# ECUPROGRAM - another Canadian tuning option



## finnbmw (Jul 6, 2008)

Found another Canadian tuning company on Bimmerpost called ECUPROGRAM. They claim power numbers of 340 hp and 515 lb/ft on the M57 engine using their inhouse dyno

Anybody have experience with them? http://www.ecuprogram.com/ecu-tuning/bmw-menu/3-series/e90-e92/item/954-bmw-335d-e9x.html


----------



## Stugots (Jan 1, 2010)

Those #'s are on a EU spec diesel.


----------



## Axel61 (Mar 10, 2011)

yeah I have yet to come up with someone here in this forum or the others in this side of the pond with those numbers although very impressive


----------



## finnbmw (Jul 6, 2008)

OK digging a bit deeper. From their Facebook page https://www.facebook.com/notes/ecuprogram/new-update-for-tuning-bmw-diesel/395277803821592

_For 335d e90, X5 / X 6 e7x 3.5d (Stock: 265 hp / 425 ft-lb torque)

Stage 1: (Upgraded Intake + DPF removed + Vmax) 355 hp / 501 ft-lb torqueGains: 95 hp / 76 lb-ft torque + ~7 L/100km (mixed) of fuel consumption!

Stage 2: (Upgraded Intake + DPF removed + Vmax + 3" Full exhaust) 383 hp / 524 ft-lb torqueGains: 116 hp / 99 ft-lb torque + ~6 L/100km (mixed) of fuel consumption!

We know it is hard to believe!

Better than piggybacks or Tuning boxes! guaranteed!

* The gains vary by a number of factors including after-market modifications (intakes, exhaust system, etc.), general wear and tear on the vehicle and how well the vehicle has been maintained.
_


----------



## Stugots (Jan 1, 2010)

That seems ridiculously impossible...those gains are even higher than the ones than on the EU spec car...


----------



## Axel61 (Mar 10, 2011)

I left them a facebook message I'm interested in the intake part though

Sent from my SPH-L710 using Bimmer App


----------



## robster10 (Oct 8, 2012)

Seems like there is so much potential. Just need more tuners finding it. Problem is who's going to be the ginny pig. From what's been said on the forum tunes & piggybacks only. This co. has dipped into tweaking engine. Thinking about it!!!


----------



## Axel61 (Mar 10, 2011)

@ robster if the engine has been tweaked then this would be a first that I am aware off


----------



## robster10 (Oct 8, 2012)

*ecuprogram*

My error. Not really an engine tweak but addition to tune 3" full exaust plus intake mod. Just hear of tunes here on the forum & although great, I believe there is still more mods available to be done to open up potential. Doesn't sound like just a cold air intake but intake between turbo to head.
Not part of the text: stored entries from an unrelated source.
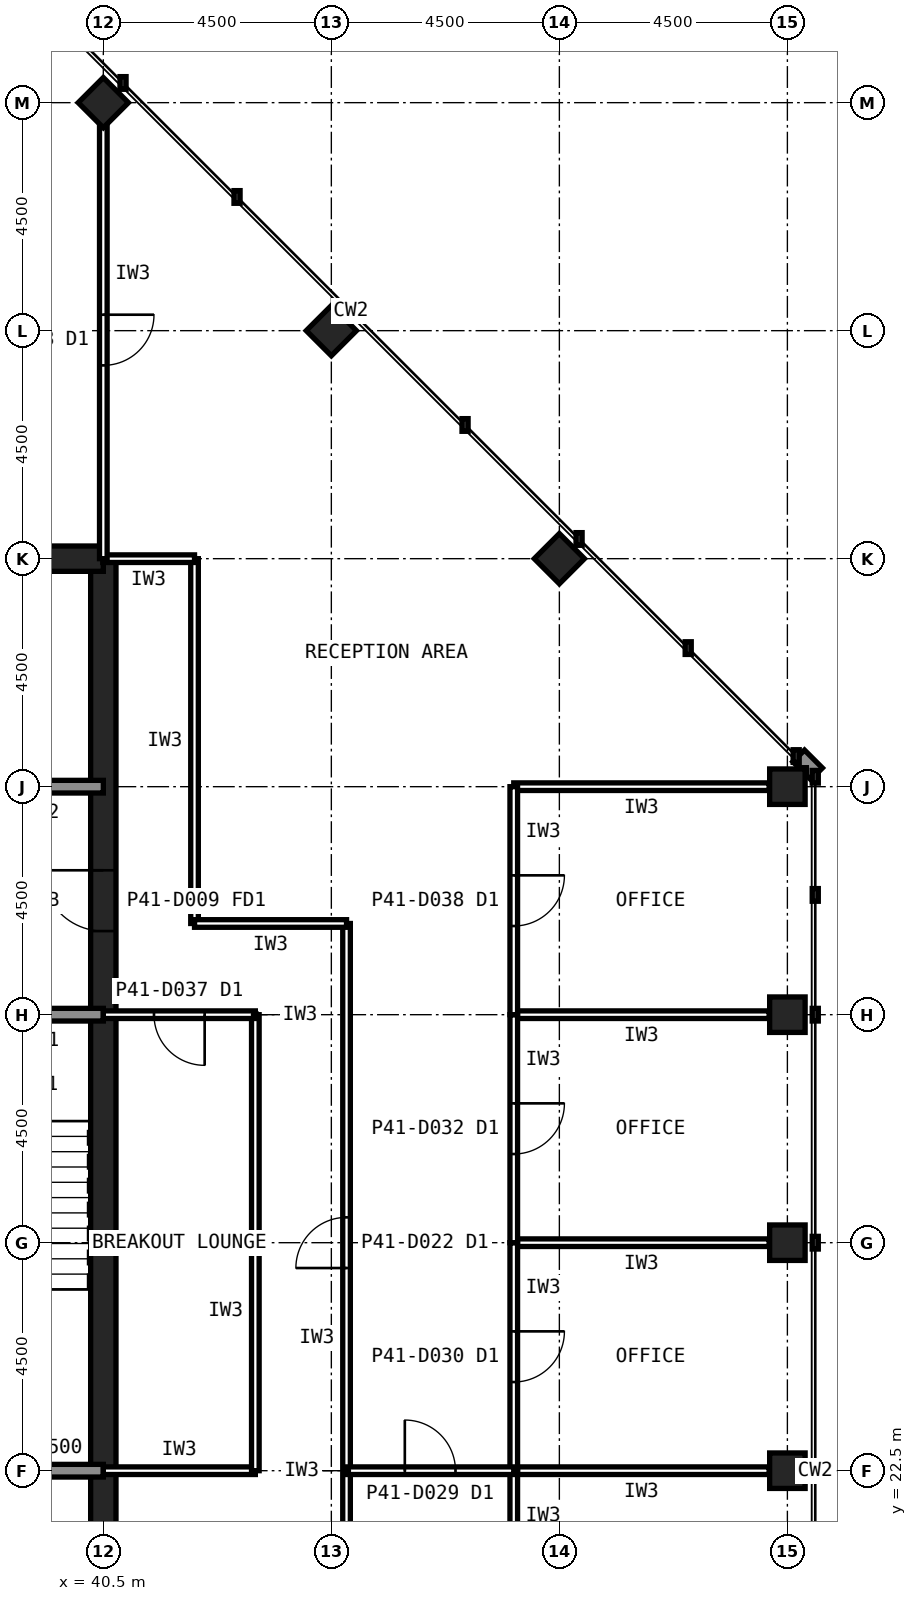
"""IFC4 building model, lengths in metres.
Left out: names, types, materials, properties, quantities, classifications, styles, units other than length and angle.
Written with IfcOpenShell. Run it as: python <this file> out.ifc"""

import sys

from ifc_helpers import new_model, si_unit, direction, frame, frame_2d, origin, origin_2d, place, context, subcontext, project, spatial, rectangle, hollow_rectangle, extrude, element, fill, save


model = new_model("IFC4")
c1 = context("Model", 3, precision=1e-05, world=origin(), true_north=direction((0.0, 1.0)))
c2 = subcontext(c1, "Body", "Model", "MODEL_VIEW")
j1 = project(units=[si_unit("LENGTHUNIT", "METRE"), si_unit("PLANEANGLEUNIT", "RADIAN")], contexts=[c1])
p1 = place(None, origin())
s1 = spatial("IfcSite", under=j1, at=p1, CompositionType="ELEMENT")
p2 = place(p1, origin())
s2 = spatial("IfcBuilding", under=s1, at=p2, CompositionType="ELEMENT")
p3 = place(p2, frame((0.0, 0.0, 175.6)))
s3 = spatial("IfcBuildingStorey", under=s2, at=p3, CompositionType="ELEMENT", Elevation=175.6)
for number, where, z_axis, x_axis in (
    (1, (54.0, 22.5, 0.0), (0.0, 0.0, 1.0), (1.0, 0.0, 0.0)),
    (2, (54.0, 27.0, 0.0), (0.0, 0.0, 1.0), (1.0, 0.0, 0.0)),
    (3, (54.0, 31.5, 0.0), (0.0, 0.0, 1.0), (1.0, 0.0, 0.0)),
    (4, (54.0, 36.0, 0.0), (0.0, 0.0, 1.0), (1.0, 0.0, 0.0)),
    (5, (49.5, 40.5, 0.0), (0.0, 0.0, 1.0), (0.707, 0.707, 0.0)),
    (6, (45.0, 45.0, 0.0), (0.0, 0.0, 1.0), (0.707, 0.707, 0.0)),
    (7, (40.5, 49.5, 0.0), (0.0, 0.0, 1.0), (0.707, 0.707, 0.0)),
):
    element("IfcColumn", number, at=place(p3, frame(where, z_axis=z_axis, x_axis=x_axis)), inside=s3, PredefinedType="COLUMN", context=c2, shape_type="SweptSolid", body=[
        extrude(hollow_rectangle(XDim=0.7, YDim=0.7, WallThickness=0.036, at=origin_2d()), origin(), (0.0, 0.0, 1.0), 4.0),
    ])
p4 = place(p3, frame((40.5, 13.5, 0.0), z_axis=(0.0, 0.0, 1.0), x_axis=(0.0, 1.0, 0.0)))
e8 = element("IfcWall", 8, at=p4, inside=s3, PredefinedType="SHEAR", context=c2, shape_type="SweptSolid", body=[
    extrude(rectangle(XDim=27.0, YDim=0.5, at=frame_2d((13.5, 0.0))), origin(), (0.0, 0.0, 1.0), 4.0),
])
p5 = place(p4, frame((5.85, 0.0, 0.0)))
e9 = element("IfcOpeningElement", 9, at=p5, cuts=e8, PredefinedType="OPENING", context=c2, shape_type="SweptSolid", body=[
    extrude(rectangle(XDim=1.8, YDim=2.1, at=frame_2d((0.9, 1.05))), frame((0.0, 0.26, 0.0), z_axis=(0.0, -1.0, 0.0), x_axis=(1.0, 0.0, 0.0)), (0.0, 0.0, 1.0), 0.52),
])
p6 = place(p4, frame((19.65, 0.0, 0.0)))
e10 = element("IfcOpeningElement", 10, at=p6, cuts=e8, PredefinedType="OPENING", context=c2, shape_type="SweptSolid", body=[
    extrude(rectangle(XDim=1.2, YDim=2.1, at=frame_2d((0.6, 1.05))), frame((0.0, 0.26, 0.0), z_axis=(0.0, -1.0, 0.0), x_axis=(1.0, 0.0, 0.0)), (0.0, 0.0, 1.0), 0.52),
])
p7 = place(p3, frame((40.5, 40.5, 0.0), z_axis=(0.0, 0.0, 1.0), x_axis=(-1.0, 0.0, 0.0)))
e11 = element("IfcWall", 11, at=p7, inside=s3, PredefinedType="SHEAR", context=c2, shape_type="SweptSolid", body=[
    extrude(rectangle(XDim=27.0, YDim=0.5, at=frame_2d((13.5, 0.0))), origin(), (0.0, 0.0, 1.0), 4.0),
])
p8 = place(p3, frame((13.5, 36.0, 0.0), z_axis=(0.0, 0.0, 1.0), x_axis=(1.0, 0.0, 0.0)))
e12 = element("IfcWall", 12, at=p8, inside=s3, PredefinedType="SOLIDWALL", context=c2, shape_type="SweptSolid", body=[
    extrude(rectangle(XDim=27.0, YDim=0.25, at=frame_2d((13.5, 0.0))), origin(), (0.0, 0.0, 1.0), 3.84),
])
p9 = place(p8, frame((1.8, 0.0, 0.0)))
e13 = element("IfcOpeningElement", 13, at=p9, cuts=e12, PredefinedType="OPENING", context=c2, shape_type="SweptSolid", body=[
    extrude(rectangle(XDim=0.9, YDim=2.1, at=frame_2d((0.45, 1.05))), frame((0.0, 0.135, 0.0), z_axis=(0.0, -1.0, 0.0), x_axis=(1.0, 0.0, 0.0)), (0.0, 0.0, 1.0), 0.27),
])
p10 = place(p8, frame((5.55, 0.0, 0.0)))
e14 = element("IfcOpeningElement", 14, at=p10, cuts=e12, PredefinedType="OPENING", context=c2, shape_type="SweptSolid", body=[
    extrude(rectangle(XDim=0.9, YDim=2.1, at=frame_2d((0.45, 1.05))), frame((0.0, 0.135, 0.0), z_axis=(0.0, -1.0, 0.0), x_axis=(1.0, 0.0, 0.0)), (0.0, 0.0, 1.0), 0.27),
])
p11 = place(p8, frame((8.55, 0.0, 0.0)))
e15 = element("IfcOpeningElement", 15, at=p11, cuts=e12, PredefinedType="OPENING", context=c2, shape_type="SweptSolid", body=[
    extrude(rectangle(XDim=0.9, YDim=2.1, at=frame_2d((0.45, 1.05))), frame((0.0, 0.135, 0.0), z_axis=(0.0, -1.0, 0.0), x_axis=(1.0, 0.0, 0.0)), (0.0, 0.0, 1.0), 0.27),
])
p12 = place(p8, frame((11.55, 0.0, 0.0)))
e16 = element("IfcOpeningElement", 16, at=p12, cuts=e12, PredefinedType="OPENING", context=c2, shape_type="SweptSolid", body=[
    extrude(rectangle(XDim=0.9, YDim=2.1, at=frame_2d((0.45, 1.05))), frame((0.0, 0.135, 0.0), z_axis=(0.0, -1.0, 0.0), x_axis=(1.0, 0.0, 0.0)), (0.0, 0.0, 1.0), 0.27),
])
p13 = place(p8, frame((24.1, 0.0, 0.0)))
e17 = element("IfcOpeningElement", 17, at=p13, cuts=e12, PredefinedType="OPENING", context=c2, shape_type="SweptSolid", body=[
    extrude(rectangle(XDim=1.3, YDim=2.2, at=frame_2d((0.65, 1.1))), frame((0.0, 0.135, 0.0), z_axis=(0.0, -1.0, 0.0), x_axis=(1.0, 0.0, 0.0)), (0.0, 0.0, 1.0), 0.27),
])
p14 = place(p3, frame((13.5, 22.5, 0.0), z_axis=(0.0, 0.0, 1.0), x_axis=(1.0, 0.0, 0.0)))
e18 = element("IfcWall", 18, at=p14, inside=s3, PredefinedType="SOLIDWALL", context=c2, shape_type="SweptSolid", body=[
    extrude(rectangle(XDim=27.0, YDim=0.25, at=frame_2d((13.5, 0.0))), origin(), (0.0, 0.0, 1.0), 3.84),
])
p15 = place(p14, frame((1.65, 0.0, 0.0)))
e19 = element("IfcOpeningElement", 19, at=p15, cuts=e18, PredefinedType="OPENING", context=c2, shape_type="SweptSolid", body=[
    extrude(rectangle(XDim=1.2, YDim=2.1, at=frame_2d((0.6, 1.05))), frame((0.0, 0.135, 0.0), z_axis=(0.0, -1.0, 0.0), x_axis=(1.0, 0.0, 0.0)), (0.0, 0.0, 1.0), 0.27),
])
p16 = place(p14, frame((6.025, 0.0, 0.0)))
e20 = element("IfcOpeningElement", 20, at=p16, cuts=e18, PredefinedType="OPENING", context=c2, shape_type="SweptSolid", body=[
    extrude(rectangle(XDim=1.0, YDim=2.1, at=frame_2d((0.5, 1.05))), frame((0.0, 0.135, 0.0), z_axis=(0.0, -1.0, 0.0), x_axis=(1.0, 0.0, 0.0)), (0.0, 0.0, 1.0), 0.27),
])
p17 = place(p14, frame((10.525, 0.0, 0.0)))
e21 = element("IfcOpeningElement", 21, at=p17, cuts=e18, PredefinedType="OPENING", context=c2, shape_type="SweptSolid", body=[
    extrude(rectangle(XDim=1.0, YDim=2.1, at=frame_2d((0.5, 1.05))), frame((0.0, 0.135, 0.0), z_axis=(0.0, -1.0, 0.0), x_axis=(1.0, 0.0, 0.0)), (0.0, 0.0, 1.0), 0.27),
])
p18 = place(p14, frame((19.75, 0.0, 0.0)))
e22 = element("IfcOpeningElement", 22, at=p18, cuts=e18, PredefinedType="OPENING", context=c2, shape_type="SweptSolid", body=[
    extrude(rectangle(XDim=1.0, YDim=2.1, at=frame_2d((0.5, 1.05))), frame((0.0, 0.135, 0.0), z_axis=(0.0, -1.0, 0.0), x_axis=(1.0, 0.0, 0.0)), (0.0, 0.0, 1.0), 0.27),
])
p19 = place(p14, frame((15.05, 0.0, 0.0)))
e23 = element("IfcOpeningElement", 23, at=p19, cuts=e18, PredefinedType="OPENING", context=c2, shape_type="SweptSolid", body=[
    extrude(rectangle(XDim=1.4, YDim=2.4, at=frame_2d((0.7, 1.2))), frame((0.0, 0.135, 0.0), z_axis=(0.0, -1.0, 0.0), x_axis=(1.0, 0.0, 0.0)), (0.0, 0.0, 1.0), 0.27),
])
p20 = place(p3, frame((13.5, 31.5, 0.0), z_axis=(0.0, 0.0, 1.0), x_axis=(1.0, 0.0, 0.0)))
e24 = element("IfcWall", 24, at=p20, inside=s3, PredefinedType="SOLIDWALL", context=c2, shape_type="SweptSolid", body=[
    extrude(rectangle(XDim=27.0, YDim=0.25, at=frame_2d((13.5, 0.0))), origin(), (0.0, 0.0, 1.0), 3.84),
])
p21 = place(p20, frame((24.15, 0.0, 0.0)))
e25 = element("IfcOpeningElement", 25, at=p21, cuts=e24, PredefinedType="OPENING", context=c2, shape_type="SweptSolid", body=[
    extrude(rectangle(XDim=1.2, YDim=2.1, at=frame_2d((0.6, 1.05))), frame((0.0, 0.135, 0.0), z_axis=(0.0, -1.0, 0.0), x_axis=(1.0, 0.0, 0.0)), (0.0, 0.0, 1.0), 0.27),
])
p22 = place(p20, frame((15.3, 0.0, 0.0)))
e26 = element("IfcOpeningElement", 26, at=p22, cuts=e24, PredefinedType="OPENING", context=c2, shape_type="SweptSolid", body=[
    extrude(rectangle(XDim=0.9, YDim=2.1, at=frame_2d((0.45, 1.05))), frame((0.0, 0.135, 0.0), z_axis=(0.0, -1.0, 0.0), x_axis=(1.0, 0.0, 0.0)), (0.0, 0.0, 1.0), 0.27),
])
p23 = place(p20, frame((19.8, 0.0, 0.0)))
e27 = element("IfcOpeningElement", 27, at=p23, cuts=e24, PredefinedType="OPENING", context=c2, shape_type="SweptSolid", body=[
    extrude(rectangle(XDim=0.9, YDim=2.1, at=frame_2d((0.45, 1.05))), frame((0.0, 0.135, 0.0), z_axis=(0.0, -1.0, 0.0), x_axis=(1.0, 0.0, 0.0)), (0.0, 0.0, 1.0), 0.27),
])
p24 = place(p3, frame((45.3, 20.7, 0.0), z_axis=(0.0, 0.0, 1.0), x_axis=(0.0, 1.0, 0.0)))
e28 = element("IfcWall", 28, at=p24, inside=s3, PredefinedType="PARTITIONING", context=c2, shape_type="SweptSolid", body=[
    extrude(rectangle(XDim=12.6, YDim=0.15, at=frame_2d((6.3, 0.0))), origin(), (0.0, 0.0, 1.0), 3.84),
])
p25 = place(p24, frame((5.8, 0.0, 0.0)))
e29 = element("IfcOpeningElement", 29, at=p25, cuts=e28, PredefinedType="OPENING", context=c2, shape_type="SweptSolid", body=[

Engine has to breath better on both ends. Sent them a message enquiring the extent of the mods. Since the guys in the U.S. have been able to push some big no's out of the Dodge, GMC, & Ford diesels can't see why it won't be possible out of the 335D. Our cars just haven't had the attention of the gassers, & since it was a short production run here (North America) 09-11, has been under the radar. Still run into people that think only VW's sell diesel cars here.


----------



## finnbmw (Jul 6, 2008)

robster, please update here when you hear back from them. Thanks!


----------



## Stugots (Jan 1, 2010)

robster10 said:


> My error. Not really an engine tweak but addition to tune 3" full exaust plus intake mod. Just hear of tunes here on the forum & although great, I believe there is still more mods available to be done to open up potential. Doesn't sound like just a cold air intake but intake between turbo to head. Engine has to breath better on both ends. Sent them a message enquiring the extent of the mods. Since the guys in the U.S. have been able to push some big no's out of the Dodge, GMC, & Ford diesels can't see why it won't be possible out of the 335D. Our cars just haven't had the attention of the gassers, & since it was a short production run here (North America) 09-11, has been under the radar. Still run into people that think only VW's sell diesel cars here.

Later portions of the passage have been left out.